Es begann mit dramatischen Bildern vom Hurrikan „Melissa“, der mit Sturmböen von 300 Km/h über die Karibik hinweg zog, Regen, der heftigste Tropensturm der letzten 170 Jahre, „die Angst vor hohen Opfern und Schäden – riesig“, so die Reporterin aus dem Off. Eine Katastrophe, die man keiner Nation wünscht, sagt ein Experte … das durch den Klimawandel erwärmte Ozeanwasser mache schwere Hurrikane wahrscheinlicher. Helfer erwarten für Millionen eine humanitäre Notlage. Soweit so seriös.
Dann ordnet Moderatorin Julia-Niharika Sen die Dinge ein. „Hurrikane sind in der Region zwar nichts Ungewöhnliches, aber dass wir fast jeden Monat irgendwo ein Extremwetterereignis erleben“, das sei „eine Folge der Erderwärmung, betonen Klimaforscher.“ Kurz vor der nächsten UN-Klimakonferenz in Brasilien habe die EU noch immer nicht ihre Klimaziele eingereicht, stattdessen fordert nun der Chef des großen Chemiekonzerns Evonik, ganz Schluss zu machen mit dem Emissionshandel.
Von den Fakten her und für sich betrachtet, stimmt das alles, und doch ist die Erzählung klar: Evonik-Chef Christian Kullmann, der gleich im Interview zu Wort kommt, gehört in der Logik des Aufbaus der Sendung zu den „Klimakillern“, die zumindest indirekt mitverantwortlich sind für Hurrikane, Verwüstung, Tote und Klima-Krise.
Der nächste Beitrag stellt weniger den Interviewgast, sein Chemie-Unternehmen oder die Probleme der Branche vor, sondern zeichnet die Linien der Klimakämpfer nach: Wenn man den Emissionshandel abschaffen will, „dann weicht man das fundamentale Instrument auf für Klimaschutz“, sagt Niklas Höhne, Klimawissenschaftler vom New Climate Institut, im Beitrag. Chemie-Gewerkschafter Michael Vassiliadis plädiert ebenfalls für die Abschaffung der geplanten CO2-Bepreisung, und SPD-Umweltstaatssekretär Jochen Flasbarth, Urgestein der links-grünen Klimapolitik, erklärt: „Wir müssen noch nachlegen.“ „Unverantwortlich“, sagt Klimaforscher Höhne und hat das letzte Wort.

Die Tagesthemen-Erzählung: Evonik-Chef Christian Kullmann, der gleich im Interview zu Wort kommt, gehört in der Logik des Aufbaus der Sendung zu den „Klimakillern“, die zumindest indirekt mitverantwortlich sind für Hurrikane, Verwüstung, Tote und Klima-Krise.

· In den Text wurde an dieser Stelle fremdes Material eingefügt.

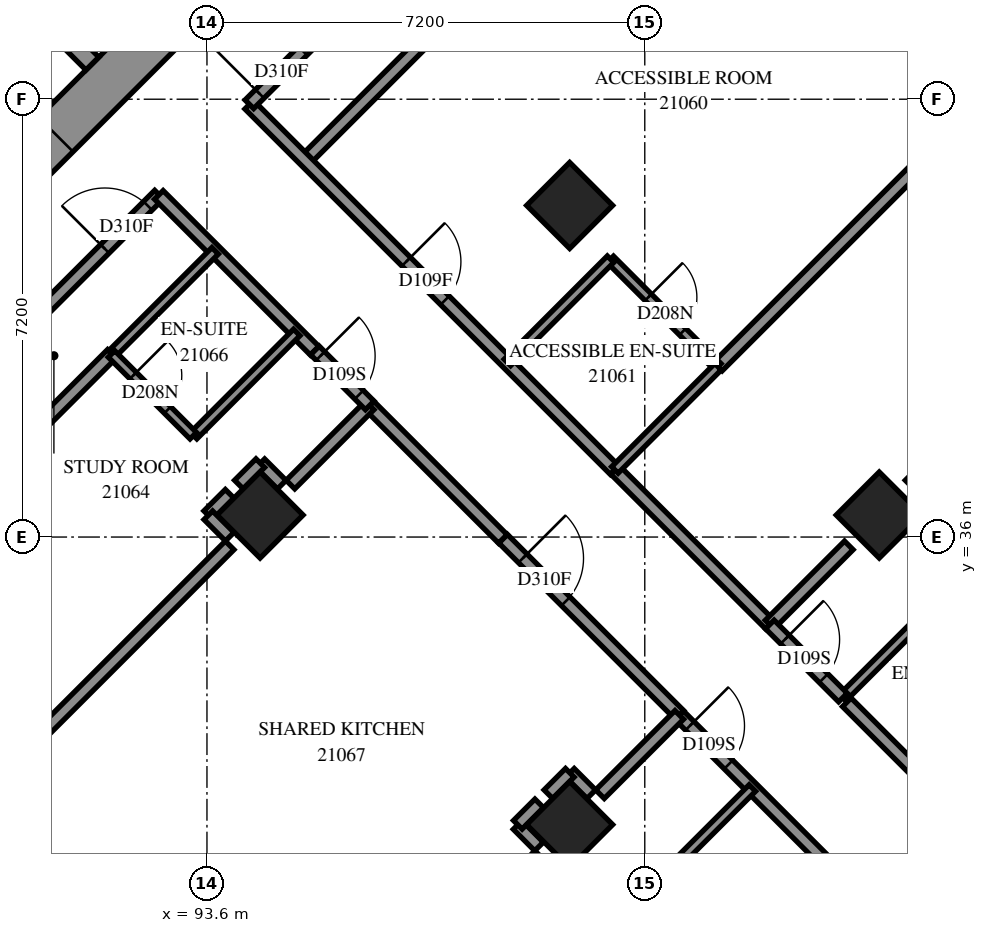
"""IFC4 building model, lengths in metres.
Left out: names, types, materials, properties, quantities, classifications, styles, units other than length and angle.
Written with IfcOpenShell. Run it as: python <this file> out.ifc"""

import sys

from ifc_helpers import new_model, si_unit, direction, frame, frame_2d, origin, origin_2d, place, context, subcontext, project, spatial, rectangle, extrude, element, fill, save


model = new_model("IFC4")
c1 = context("Model", 3, precision=1e-05, world=origin(), true_north=direction((0.0, 1.0)))
c2 = subcontext(c1, "Body", "Model", "MODEL_VIEW")
j1 = project(units=[si_unit("LENGTHUNIT", "METRE"), si_unit("PLANEANGLEUNIT", "RADIAN")], contexts=[c1])
p1 = place(None, origin())
s1 = spatial("IfcSite", under=j1, at=p1, CompositionType="ELEMENT")
p2 = place(p1, origin())
s2 = spatial("IfcBuilding", under=s1, at=p2, CompositionType="ELEMENT")
p3 = place(p2, frame((0.0, 0.0, 81.2)))
s3 = spatial("IfcBuildingStorey", under=s2, at=p3, CompositionType="ELEMENT", Elevation=81.2)
for number, where, z_axis, x_axis in (
    (1, (99.565, 41.453, 0.0), (0.0, 0.0, 1.0), (0.707, -0.707, 0.0)),
    (2, (94.474, 36.362, 0.0), (0.0, 0.0, 1.0), (0.707, -0.707, 0.0)),
    (3, (104.656, 36.362, 0.0), (0.0, 0.0, 1.0), (0.707, -0.707, 0.0)),
    (4, (99.565, 31.271, 0.0), (0.0, 0.0, 1.0), (0.707, -0.707, 0.0)),
):
    element("IfcColumn", number, at=place(p3, frame(where, z_axis=z_axis, x_axis=x_axis)), inside=s3, PredefinedType="COLUMN", context=c2, shape_type="SweptSolid", body=[
        extrude(rectangle(XDim=1.0, YDim=1.0, at=origin_2d()), origin(), (0.0, 0.0, 1.0), 3.1),
    ])
p4 = place(p3, frame((87.12, 38.625, -0.3), z_axis=(0.0, 0.0, 1.0), x_axis=(0.7071067812, 0.7071067812, 0.0)))
e5 = element("IfcWall", 5, at=p4, inside=s3, PredefinedType="SHEAR", context=c2, shape_type="SweptSolid", body=[
    extrude(rectangle(XDim=14.4, YDim=0.8, at=frame_2d((7.2, 0.0))), origin(), (0.0, 0.0, 1.0), 2.7),
])
p5 = place(p4, frame((4.55, 0.0, 0.3)))
e6 = element("IfcOpeningElement", 6, at=p5, cuts=e5, PredefinedType="OPENING", context=c2, shape_type="SweptSolid", body=[
    extrude(rectangle(XDim=1.1, YDim=2.1, at=frame_2d((0.55, 1.05))), frame((0.0, 0.41, 0.0), z_axis=(0.0, -1.0, 0.0), x_axis=(1.0, 0.0, 0.0)), (0.0, 0.0, 1.0), 0.82),
])
p6 = place(p4, frame((11.35, 0.0, 0.3)))
e7 = element("IfcOpeningElement", 7, at=p6, cuts=e5, PredefinedType="OPENING", context=c2, shape_type="SweptSolid", body=[
    extrude(rectangle(XDim=1.1, YDim=2.1, at=frame_2d((0.55, 1.05))), frame((0.0, 0.41, 0.0), z_axis=(0.0, -1.0, 0.0), x_axis=(1.0, 0.0, 0.0)), (0.0, 0.0, 1.0), 0.82),
])
p7 = place(p3, frame((81.534, 53.969, 0.0), z_axis=(0.0, 0.0, 1.0), x_axis=(0.707103309, -0.7071102534, 0.0)))
e8 = element("IfcWall", 8, at=p7, inside=s3, PredefinedType="SOLIDWALL", context=c2, shape_type="SweptSolid", body=[
    extrude(rectangle(XDim=14.4, YDim=0.3, at=frame_2d((7.2, 0.0))), origin(), (0.0, 0.0, 1.0), 3.1),
])
p8 = place(p7, frame((12.05, 0.0, 0.0)))
e9 = element("IfcOpeningElement", 9, at=p8, cuts=e8, PredefinedType="OPENING", context=c2, shape_type="SweptSolid", body=[
    extrude(rectangle(XDim=1.1, YDim=2.1, at=frame_2d((0.55, 1.05))), frame((0.0, 0.16, 0.0), z_axis=(0.0, -1.0, 0.0), x_axis=(1.0, 0.0, 0.0)), (0.0, 0.0, 1.0), 0.32),
])
p9 = place(p3, frame((95.215, 42.197, 0.0), z_axis=(0.0, 0.0, 1.0), x_axis=(0.7071114855, 0.7071020769, 0.0)))
e10 = element("IfcWall", 10, at=p9, inside=s3, PredefinedType="PARTITIONING", context=c2, shape_type="SweptSolid", body=[
    extrude(rectangle(XDim=10.629, YDim=0.2, at=frame_2d((5.314, 0.0))), origin(), (0.0, 0.0, 1.0), 3.1),
])
p10 = place(p3, frame((94.294, 43.111, 0.0), z_axis=(0.0, 0.0, 1.0), x_axis=(0.7071067812, -0.7071067812, 0.0)))
e11 = element("IfcWall", 11, at=p10, inside=s3, PredefinedType="PARTITIONING", context=c2, shape_type="SweptSolid", body=[
    extrude(rectangle(XDim=8.499, YDim=0.2, at=frame_2d((4.25, 0.0))), origin(), (0.0, 0.0, 1.0), 3.1),
])
p11 = place(p10, frame((3.651, 0.0, 0.0)))
e12 = element("IfcOpeningElement", 12, at=p11, cuts=e11, PredefinedType="OPENING", context=c2, shape_type="SweptSolid", body=[
    extrude(rectangle(XDim=0.9, YDim=2.1, at=frame_2d((0.45, 1.05))), frame((0.0, 0.11, 0.0), z_axis=(0.0, -1.0, 0.0), x_axis=(1.0, 0.0, 0.0)), (0.0, 0.0, 1.0), 0.22),
])
p12 = place(p3, frame((86.835, 35.655, 0.0), z_axis=(0.0, 0.0, 1.0), x_axis=(0.7071067812, 0.7071067812, 0.0)))
e13 = element("IfcWall", 13, at=p12, inside=s3, PredefinedType="PARTITIONING", context=c2, shape_type="SweptSolid", body=[
    extrude(rectangle(XDim=8.451, YDim=0.2, at=frame_2d((4.226, 0.0))), origin(), (0.0, 0.0, 1.0), 3.1),
])
p13 = place(p12, frame((7.192, 0.0, 0.0)))
e14 = element("IfcOpeningElement", 14, at=p13, cuts=e13, PredefinedType="OPENING", context=c2, shape_type="SweptSolid", body=[
    extrude(rectangle(XDim=1.0, YDim=2.1, at=frame_2d((0.5, 1.05))), frame((0.0, 0.11, 0.0), z_axis=(0.0, -1.0, 0.0), x_axis=(1.0, 0.0, 0.0)), (0.0, 0.0, 1.0), 0.22),
])
p14 = place(p3, frame((94.297, 43.117, 0.0), z_axis=(0.0, 0.0, 1.0), x_axis=(0.7071067812, 0.7071067812, 0.0)))
e15 = element("IfcWall", 15, at=p14, inside=s3, PredefinedType="PARTITIONING", context=c2, shape_type="SweptSolid", body=[
    extrude(rectangle(XDim=8.448, YDim=0.2, at=frame_2d((4.224, 0.0))), origin(), (0.0, 0.0, 1.0), 3.1),
])
p15 = place(p14, frame((0.242, 0.0, 0.0)))
e16 = element("IfcOpeningElement", 16, at=p15, cuts=e15, PredefinedType="OPENING", context=c2, shape_type="SweptSolid", body=[
    extrude(rectangle(XDim=1.0, YDim=2.1, at=frame_2d((0.5, 1.05))), frame((0.0, 0.11, 0.0), z_axis=(0.0, -1.0, 0.0), x_axis=(1.0, 0.0, 0.0)), (0.0, 0.0, 1.0), 0.22),
])
p16 = place(p3, frame((102.002, 38.804, 0.0), z_axis=(0.0, 0.0, 1.0), x_axis=(0.7072398927, 0.7069736446, 0.0)))
e17 = element("IfcWall", 17, at=p16, inside=s3, PredefinedType="PARTITIONING", context=c2, shape_type="SweptSolid", body=[
    extrude(rectangle(XDim=8.263, YDim=0.2, at=frame_2d((4.131, 0.0))), origin(), (0.0, 0.0, 1.0), 3.1),
])
p17 = place(p3, frame((86.351, 33.325, 0.0), z_axis=(0.0, 0.0, 1.0), x_axis=(0.7069824066, 0.7072311339, 0.0)))
e18 = element("IfcWall", 18, at=p17, inside=s3, PredefinedType="PARTITIONING", context=c2, shape_type="SweptSolid", body=[
    extrude(rectangle(XDim=8.041, YDim=0.2, at=frame_2d((4.021, 0.0))), origin(), (0.0, 0.0, 1.0), 3.1),
])
p18 = place(p3, frame((101.365, 33.071, 0.0), z_axis=(0.0, 0.0, 1.0), x_axis=(0.7071067812, -0.7071067812, 0.0)))
e19 = element("IfcWall", 19, at=p18, inside=s3, PredefinedType="PARTITIONING", context=c2, shape_type="SweptSolid", body=[
    extrude(rectangle(XDim=7.2, YDim=0.2, at=frame_2d((3.6, 0.0))), origin(), (0.0, 0.0, 1.0), 3.1),
])
p19 = place(p18, frame((0.248, 0.0, 0.0)))
e20 = element("IfcOpeningElement", 20, at=p19, cuts=e19, PredefinedType="OPENING", context=c2, shape_type="SweptSolid", body=[
    extrude(rectangle(XDim=0.9, YDim=2.1, at=frame_2d((0.45, 1.05))), frame((0.0, 0.11, 0.0), z_axis=(0.0, -1.0, 0.0), x_axis=(1.0, 0.0, 0.0)), (0.0, 0.0, 1.0), 0.22),
])
p20 = place(p18, frame((5.95, 0.0, 0.0)))
e21 = element("IfcOpeningElement", 21, at=p20, cuts=e19, PredefinedType="OPENING", context=c2, shape_type="SweptSolid", body=[
    extrude(rectangle(XDim=0.9, YDim=2.1, at=frame_2d((0.45, 1.05))), frame((0.0, 0.11, 0.0), z_axis=(0.0, -1.0, 0.0), x_axis=(1.0, 0.0, 0.0)), (0.0, 0.0, 1.0), 0.22),
])
for number, where, z_axis, x_axis in (
    (22, (89.881, 31.771, 0.0), (0.0, 0.0, 1.0), (0.707, 0.707, 0.0)),
    (23, (105.155, 36.863, 0.0), (0.0, 0.0, 1.0), (0.707, 0.707, 0.0)),
):
    element("IfcWall", number, at=place(p3, frame(where, z_axis=z_axis, x_axis=x_axis)), inside=s3, PredefinedType="PARTITIONING", context=c2, shape_type="SweptSolid", body=[
        extrude(rectangle(XDim=5.787, YDim=0.2, at=frame_2d((2.893, 0.0))), origin(), (0.0, 0.0, 1.0), 3.1),
    ])
p21 = place(p3, frame((94.973, 26.681, 0.0), z_axis=(0.0, 0.0, 1.0), x_axis=(0.7071067812, 0.7071067812, 0.0)))
e24 = element("IfcWall", 24, at=p21, inside=s3, PredefinedType="PARTITIONING", context=c2, shape_type="SweptSolid", body=[
    extrude(rectangle(XDim=5.784, YDim=0.2, at=frame_2d((2.892, 0.0))), origin(), (0.0, 0.0, 1.0), 3.1),
])
p22 = place(p3, frame((104.123, 33.282, 0.0), z_axis=(0.0, 0.0, 1.0), x_axis=(0.7071067812, -0.7071067812, 0.0)))
e25 = element("IfcWall", 25, at=p22, inside=s3, PredefinedType="PARTITIONING", context=c2, shape_type="SweptSolid", body=[
    extrude(rectangle(XDim=5.399, YDim=0.2, at=frame_2d((2.7, 0.0))), origin(), (0.0, 0.0, 1.0), 3.1),
])
p23 = place(p22, frame((4.08, 0.0, 0.0)))
e26 = element("IfcOpeningElement", 26, at=p23, cuts=e25, PredefinedType="OPENING", context=c2, shape_type="SweptSolid", body=[
    extrude(rectangle(XDim=0.9, YDim=2.1, at=frame_2d((0.45, 1.05))), frame((0.0, 0.11, 0.0), z_axis=(0.0, -1.0, 0.0), x_axis=(1.0, 0.0, 0.0)), (0.0, 0.0, 1.0), 0.22),
])
p24 = place(p3, frame((98.469, 35.973, 0.0), z_axis=(0.0, 0.0, 1.0), x_axis=(0.7073506531, -0.7068628251, 0.0)))
e27 = element("IfcWall", 27, at=p24, inside=s3, PredefinedType="PARTITIONING", context=c2, shape_type="SweptSolid", body=[
    extrude(rectangle(XDim=4.1, YDim=0.2, at=frame_2d((2.05, 0.0))), origin(), (0.0, 0.0, 1.0), 3.1),
])
p25 = place(p24, frame((0.457, 0.0, 0.0)))
e28 = element("IfcOpeningElement", 28, at=p25, cuts=e27, PredefinedType="OPENING", context=c2, shape_type="SweptSolid", body=[
    extrude(rectangle(XDim=1.0, YDim=2.1, at=frame_2d((0.5, 1.05))), frame((0.0, 0.11, 0.0), z_axis=(0.0, -1.0, 0.0), x_axis=(1.0, 0.0, 0.0)), (0.0, 0.0, 1.0), 0.22),
])
p26 = place(p3, frame((92.809, 41.627, 0.0), z_axis=(0.0, 0.0, 1.0), x_axis=(0.7071067812, -0.7071067812, 0.0)))
e29 = element("IfcWall", 29, at=p26, inside=s3, PredefinedType="PARTITIONING", context=c2, shape_type="SweptSolid", body=[
    extrude(rectangle(XDim=3.623, YDim=0.2, at=frame_2d((1.812, 0.0))), origin(), (0.0, 0.0, 1.0), 3.1),
])
p27 = place(p3, frame((100.31, 37.106, 0.0), z_axis=(0.0, 0.0, 1.0), x_axis=(0.7073845681, -0.7068288851, 0.0)))
e30 = element("IfcWall", 30, at=p27, inside=s3, PredefinedType="PARTITIONING", context=c2, shape_type="SweptSolid", body=[
    extrude(rectangle(XDim=3.599, YDim=0.2, at=frame_2d((1.8, 0.0))), origin(), (0.0, 0.0, 1.0), 3.1),
])
p28 = place(p3, frame((96.274, 38.162, 0.0), z_axis=(0.0, 0.0, 1.0), x_axis=(0.7071067812, -0.7071067812, 0.0)))
e31 = element("IfcWall", 31, at=p28, inside=s3, PredefinedType="PARTITIONING", context=c2, shape_type="SweptSolid", body=[
    extrude(rectangle(XDim=3.1, YDim=0.2, at=frame_2d((1.55, 0.0))), origin(), (0.0, 0.0, 1.0), 3.1),
])
p29 = place(p3, frame((100.233, 40.567, 0.0), z_axis=(0.0, 0.0, 1.0), x_axis=(0.7071067812, -0.7071067812, 0.0)))
e32 = element("IfcWall", 32, at=p29, inside=s3, PredefinedType="PARTITIONING", context=c2, shape_type="SweptSolid", body=[
    extrude(rectangle(XDim=2.5, YDim=0.15, at=frame_2d((1.25, 0.0))), origin(), (0.0, 0.0, 1.0), 3.1),
])
p30 = place(p29, frame((0.883, 0.0, 0.0)))
e33 = element("IfcOpeningElement", 33, at=p30, cuts=e32, PredefinedType="OPENING", context=c2, shape_type="SweptSolid", body=[
    extrude(rectangle(XDim=0.8, YDim=2.1, at=frame_2d((0.4, 1.05))), frame((0.0, 0.085, 0.0), z_axis=(0.0, -1.0, 0.0), x_axis=(1.0, 0.0, 0.0)), (0.0, 0.0, 1.0), 0.17),
])
p31 = place(p3, frame((100.871, 30.175, 0.0), z_axis=(0.0, 0.0, 1.0), x_axis=(0.7071067812, 0.7071067812, 0.0)))
e34 = element("IfcWall", 34, at=p31, inside=s3, PredefinedType="PARTITIONING", context=c2, shape_type="SweptSolid", body=[
    extrude(rectangle(XDim=2.401, YDim=0.15, at=frame_2d((1.201, 0.0))), origin(), (0.0, 0.0, 1.0), 3.1),
])
for number, where, z_axis, x_axis in (
    (35, (92.037, 39.011, 0.0), (0.0, 0.0, 1.0), (0.708, 0.707, 0.0)),
    (36, (93.381, 37.667, 0.0), (0.0, 0.0, 1.0), (0.707, 0.708, 0.0)),
    (37, (98.541, 38.871, 0.0), (0.0, 0.0, 1.0), (0.707, 0.708, 0.0)),
    (38, (100.308, 37.103, 0.0), (0.0, 0.0, 1.0), (0.707, 0.708, 0.0)),
):
    element("IfcWall", number, at=place(p3, frame(where, z_axis=z_axis, x_axis=x_axis)), inside=s3, PredefinedType="PARTITIONING", context=c2, shape_type="SweptSolid", body=[
        extrude(rectangle(XDim=2.4, YDim=0.15, at=frame_2d((1.2, 0.0))), origin(), (0.0, 0.0, 1.0), 3.1),
    ])
p32 = place(p3, frame((104.055, 33.359, 0.0), z_axis=(0.0, 0.0, 1.0), x_axis=(0.7071067812, 0.7071067812, 0.0)))
e39 = element("IfcWall", 39, at=p32, inside=s3, PredefinedType="PARTITIONING", context=c2, shape_type="SweptSolid", body=[
    extrude(rectangle(XDim=2.398, YDim=0.15, at=frame_2d((1.199, 0.0))), origin(), (0.0, 0.0, 1.0), 3.1),
])
p33 = place(p3, frame((92.031, 39.011, 0.0), z_axis=(0.0, 0.0, 1.0), x_axis=(0.7071067812, -0.7071067812, 0.0)))
e40 = element("IfcWall", 40, at=p33, inside=s3, PredefinedType="PARTITIONING", context=c2, shape_type="SweptSolid", body=[
    extrude(rectangle(XDim=1.901, YDim=0.15, at=frame_2d((0.95, 0.0))), origin(), (0.0, 0.0, 1.0), 3.1),
])
p34 = place(p33, frame((0.502, 0.0, 0.0)))
e41 = element("IfcOpeningElement", 41, at=p34, cuts=e40, PredefinedType="OPENING", context=c2, shape_type="SweptSolid", body=[
    extrude(rectangle(XDim=0.8, YDim=2.1, at=frame_2d((0.4, 1.05))), frame((0.0, 0.085, 0.0), z_axis=(0.0, -1.0, 0.0), x_axis=(1.0, 0.0, 0.0)), (0.0, 0.0, 1.0), 0.17),
])
p35 = place(p3, frame((100.063, 31.771, 0.0), z_axis=(0.0, 0.0, 1.0), x_axis=(0.7071067812, 0.7071067812, 0.0)))
e42 = element("IfcWall", 42, at=p35, inside=s3, PredefinedType="PARTITIONING", context=c2, shape_type="SweptSolid", body=[
    extrude(rectangle(XDim=1.844, YDim=0.2, at=frame_2d((0.922, 0.0))), origin(), (0.0, 0.0, 1.0), 3.1),
])
for number, where, z_axis, x_axis in (
    (43, (94.973, 36.863, 0.0), (0.0, 0.0, 1.0), (0.707, 0.707, 0.0)),
    (44, (102.853, 34.561, 0.0), (0.0, 0.0, 1.0), (0.707, 0.707, 0.0)),
):
    element("IfcWall", number, at=place(p3, frame(where, z_axis=z_axis, x_axis=x_axis)), inside=s3, PredefinedType="PARTITIONING", context=c2, shape_type="SweptSolid", body=[
        extrude(rectangle(XDim=1.841, YDim=0.2, at=frame_2d((0.921, 0.0))), origin(), (0.0, 0.0, 1.0), 3.1),
    ])
p36 = place(p3, frame((102.857, 34.563, 0.0), z_axis=(0.0, 0.0, 1.0), x_axis=(0.7071067812, -0.7071067812, 0.0)))
e45 = element("IfcWall", 45, at=p36, inside=s3, PredefinedType="PARTITIONING", context=c2, shape_type="SweptSolid", body=[
    extrude(rectangle(XDim=1.7, YDim=0.2, at=frame_2d((0.85, 0.0))), origin(), (0.0, 0.0, 1.0), 3.1),
])
p37 = place(p36, frame((0.35, 0.0, 0.0)))
e46 = element("IfcOpeningElement", 46, at=p37, cuts=e45, PredefinedType="OPENING", context=c2, shape_type="SweptSolid", body=[
    extrude(rectangle(XDim=0.9, YDim=2.1, at=frame_2d((0.45, 1.05))), frame((0.0, 0.11, 0.0), z_axis=(0.0, -1.0, 0.0), x_axis=(1.0, 0.0, 0.0)), (0.0, 0.0, 1.0), 0.22),
])
p38 = place(p3, frame((95.375, 39.069, 0.0), z_axis=(0.0, 0.0, 1.0), x_axis=(0.7063232841, -0.7078894111, 0.0)))
e47 = element("IfcWall", 47, at=p38, inside=s3, PredefinedType="PARTITIONING", context=c2, shape_type="SweptSolid", body=[
    extrude(rectangle(XDim=1.277, YDim=0.2, at=frame_2d((0.638, 0.0))), origin(), (0.0, 0.0, 1.0), 3.1),
])
p39 = place(p38, frame((0.129, 0.0, 0.0)))
e48 = element("IfcOpeningElement", 48, at=p39, cuts=e47, PredefinedType="OPENING", context=c2, shape_type="SweptSolid", body=[
    extrude(rectangle(XDim=0.9, YDim=2.1, at=frame_2d((0.45, 1.05))), frame((0.0, 0.11, 0.0), z_axis=(0.0, -1.0, 0.0), x_axis=(1.0, 0.0, 0.0)), (0.0, 0.0, 1.0), 0.22),
])
p40 = place(p3, frame((98.709, 31.265, 0.0), z_axis=(0.0, 0.0, 1.0), x_axis=(0.7051008166, -0.7091070712, 0.0)))
e49 = element("IfcWall", 49, at=p40, inside=s3, PredefinedType="PARTITIONING", context=c2, shape_type="SweptSolid", body=[
    extrude(rectangle(XDim=0.499, YDim=0.2, at=frame_2d((0.25, 0.0))), origin(), (0.0, 0.0, 1.0), 3.1),
])
for number, where, z_axis, x_axis in (
    (50, (99.569, 32.123, 0.0), (0.0, 0.0, 1.0), (0.707, -0.707, 0.0)),
    (51, (93.621, 36.359, 0.0), (0.0, 0.0, 1.0), (0.707, 0.707, 0.0)),
    (52, (99.215, 31.771, 0.0), (0.0, 0.0, 1.0), (0.707, 0.707, 0.0)),
    (53, (94.478, 37.214, 0.0), (0.0, 0.0, 1.0), (0.707, -0.707, 0.0)),
    (54, (94.125, 36.863, 0.0), (0.0, 0.0, 1.0), (0.707, 0.707, 0.0)),
    (55, (98.712, 31.268, 0.0), (0.0, 0.0, 1.0), (0.707, 0.707, 0.0)),
    (56, (93.622, 36.358, 0.0), (0.0, 0.0, 1.0), (0.707, -0.707, 0.0)),
):
    element("IfcWall", number, at=place(p3, frame(where, z_axis=z_axis, x_axis=x_axis)), inside=s3, PredefinedType="PARTITIONING", context=c2, shape_type="SweptSolid", body=[
        extrude(rectangle(XDim=0.498, YDim=0.2, at=frame_2d((0.249, 0.0))), origin(), (0.0, 0.0, 1.0), 3.1),
    ])
p41 = place(p5, origin())
e57 = element("IfcDoor", 57, at=p41, inside=s3, OperationType="DOUBLE_DOOR_SINGLE_SWING", PredefinedType="DOOR", context=c2, shape_type="SweptSolid", body=[
    extrude(rectangle(XDim=1.1, YDim=2.1, at=frame_2d((0.55, 1.05))), frame((0.0, 0.025, 0.0), z_axis=(0.0, -1.0, 0.0), x_axis=(1.0, 0.0, 0.0)), (0.0, 0.0, 1.0), 0.05),
])
fill(e6, e57)
p42 = place(p15, origin())
e58 = element("IfcDoor", 58, at=p42, inside=s3, OperationType="SINGLE_SWING_LEFT", PredefinedType="DOOR", context=c2, shape_type="SweptSolid", body=[
    extrude(rectangle(XDim=1.0, YDim=2.1, at=frame_2d((0.5, 1.05))), frame((0.0, 0.025, 0.0), z_axis=(0.0, -1.0, 0.0), x_axis=(1.0, 0.0, 0.0)), (0.0, 0.0, 1.0), 0.05),
])
fill(e16, e58)
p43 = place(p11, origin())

„Wir brauchen eine Radikalreform“
Dann ist Moderatorin Julia-Niharika Sen am Zug, begrüßt Evonik-Chef Christian Kullmann in Essen und tastet sich mit einer raffinierten Frage an das Thema CO2-Preis heran: „Seit Einführung des Emissionshandels ist der Ausstoß von klimaschädlichen Gasen um 48 Prozent zurückgegangen“, sagt Sen. „Ein beachtlicher Erfolg, oder?“
Kullmann lässt sich nicht aus der Ruhe bringen: „Das war eine gute Wegstrecke, die wir zurückgelegt haben, doch jetzt ist es so, dass wir in einer neuen Welt sind, deshalb müssen wir handeln. Und vor diesem Hintergrund ist diese CO2-Gebühr für die Zukunft unserer Industrie, die Zukunft unserer Arbeitsplätze schädlich. Wir brauchen eine Radikalreform.“
Eine naheliegende Frage wäre: Warum ist das so? Doch Sen wechselt von der Rolle als Moderatorin zur Anwältin der Klimapolitik: „Aber ohne die Bepreisung von CO2 wären wir da doch kaum hingekommen“, hält sie dagegen. Kullmann bezweifelt das und verweist auf die Innovationskraft der deutschen Industrie, auf die neuen Technologien, die wesentlich für die CO2-Einsparungen seien, nicht die Strafgebühr.
„Aber“ auch diese Innovationen seien ja unter dem Druck entstanden und unter diesen „marktwirtschaftlichen Anreizen“, widerspricht Sen. „Das ist genau der Punkt“, sagt Kullmann. „Da waren keine marktwirtschaftlichen Anreize. Das war eine Gebühr.“ Man müsse jetzt die europäische Wirtschaft umbauen, müsse investieren, damit man weniger Ressourcen verbrauche. „Wir müssen Geld investieren in Forschung, Geld investieren in neue Technologien. Und dieses Geld, das wir dringend brauchen, jetzt in eine CO2-Gebühr zu stecken, das ist sinnlos! Das ist nicht gut. Das kostet Zukunft. Deshalb müssen wir das eben vermeiden.“

Im Klima-Verhör: Kullmann ließ sich nicht aus der Ruhe bringen.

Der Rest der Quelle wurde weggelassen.